As the owner of the chic line of Ambiance Boutiques on the West Coast, Donna O'Leary is knowledgeable about fashion and the lifestyle trends that resonate with young women. She easily shares, "For this back to school season, we sold a good amount of sweater coats, sweaters, tunic tees and pretty much anything embellished." O'Leary is quick to add that while her average college-bound customer is overwhelmingly motivated by fashion, that consumer also cedes to a cautionary voice in her head. "She clearly wants to look cute first and foremost, but you can tell that she is also assessing the practicality of the garment from both a cost and care standpoint."

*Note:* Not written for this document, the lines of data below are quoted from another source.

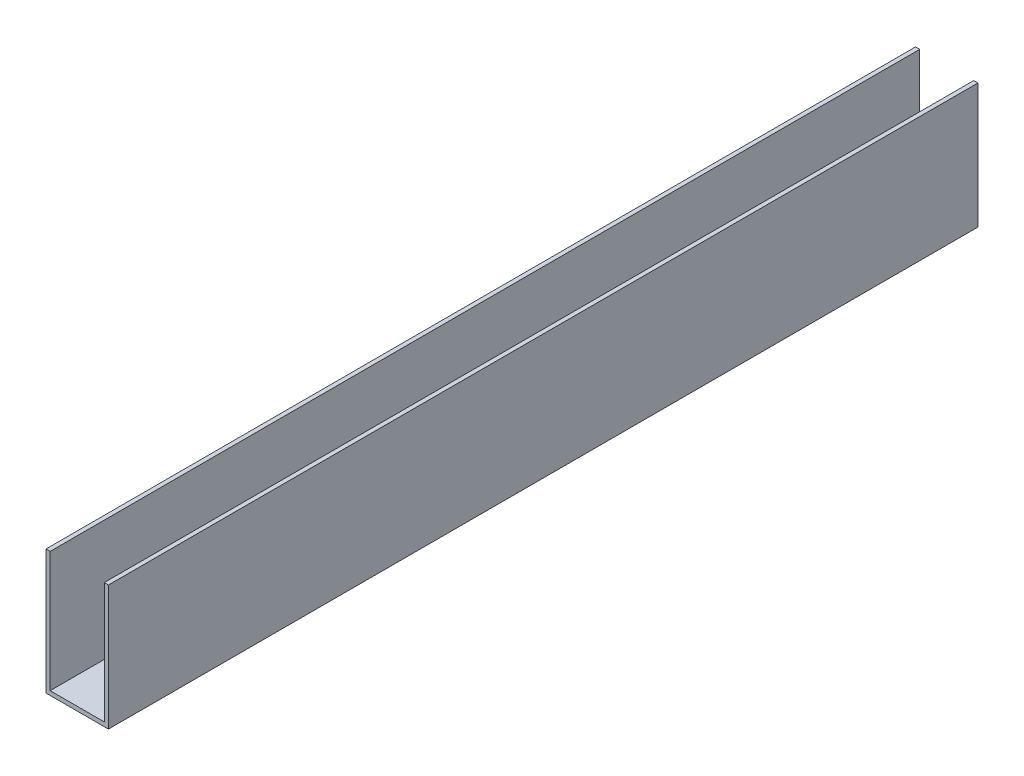
from build123d import *

# Parameters (mm, degrees)
SKETCH_1_W      = 30
SKETCH_1_H      = 60
EXTRUDE_1_DEPTH = 209
SHELL_1_T       = -2


with BuildPart() as part:
    # 草图1 → 凸台-拉伸1 (new, symmetric)
    with BuildSketch(Plane.XY):
        Rectangle(SKETCH_1_W, SKETCH_1_H)
    extrude(amount=EXTRUDE_1_DEPTH, both=True)

    # 抽壳1
    shell_1_openings = [part.faces().sort_by_distance(p)[0] for p in [
        (0, 0, 209),
        (0, 0, -209),
        (0, 30, 0),
    ]]
    offset(amount=SHELL_1_T, openings=shell_1_openings, kind=Kind.INTERSECTION)


solid = part.part

For nearly all young women, the college experience includes not only the quest of a higher education, but complete independence and a need to look after her self and her wardrobe. "College age consumers in this exploratory time capsule are testing and redefining their likes and dislikes, loyalties and values. It is at this important juncture that they are responsible for their lifestyle budgets," states Paula Rosario, vice president, retail and fashion marketing, Cotton Incorporated. "It is likely to be the first time they are responsible for the care of their wardrobes and dorm room products."

For the uninitiated, the laundry-challenged and even those with a simple garment care query, help is on the way in the form of Cotton's Dirty Laundry Tour, a mobile marketing festival sponsored by Cotton Incorporated to heighten awareness and exposure of cotton among college students on ten campuses across the country starting on September 20, 2005. The program will also be available to students nationwide via multiple channels, including www.accesscotton.com, the tour's official web site. This multi-platform program will educate young men and women on buying and caring for their clothing and decorating their dorm rooms while maintaining an active, independent lifestyle.

How did you learn to launder your clothing?
Age 16 to 24
Mother74%
Trial and error/Still learning10%
Do not do laundry2%
Myself/Read labels5%
All other7%
Don’t know1%

According to the Cotton Incorporated's Lifestyle Monitor™, three out of four consumers aged 16 to 24 learned basic laundry care from their mothers. But they are still learning by trial and error, and there's a great deal to be learned. The tour's web site hosts a Laundry 101 section where students can log on and learn all about separating whites from darks, the importance of water temperature, and how to care for certain fibers. Every coed - regardless of their level of laundry care expertise - can benefit from the program and carry this important knowledge with them for life, Rosario explains. "This group will soon emerge as full-time wage earners, making this a prime opportunity for cotton brand interaction," she states.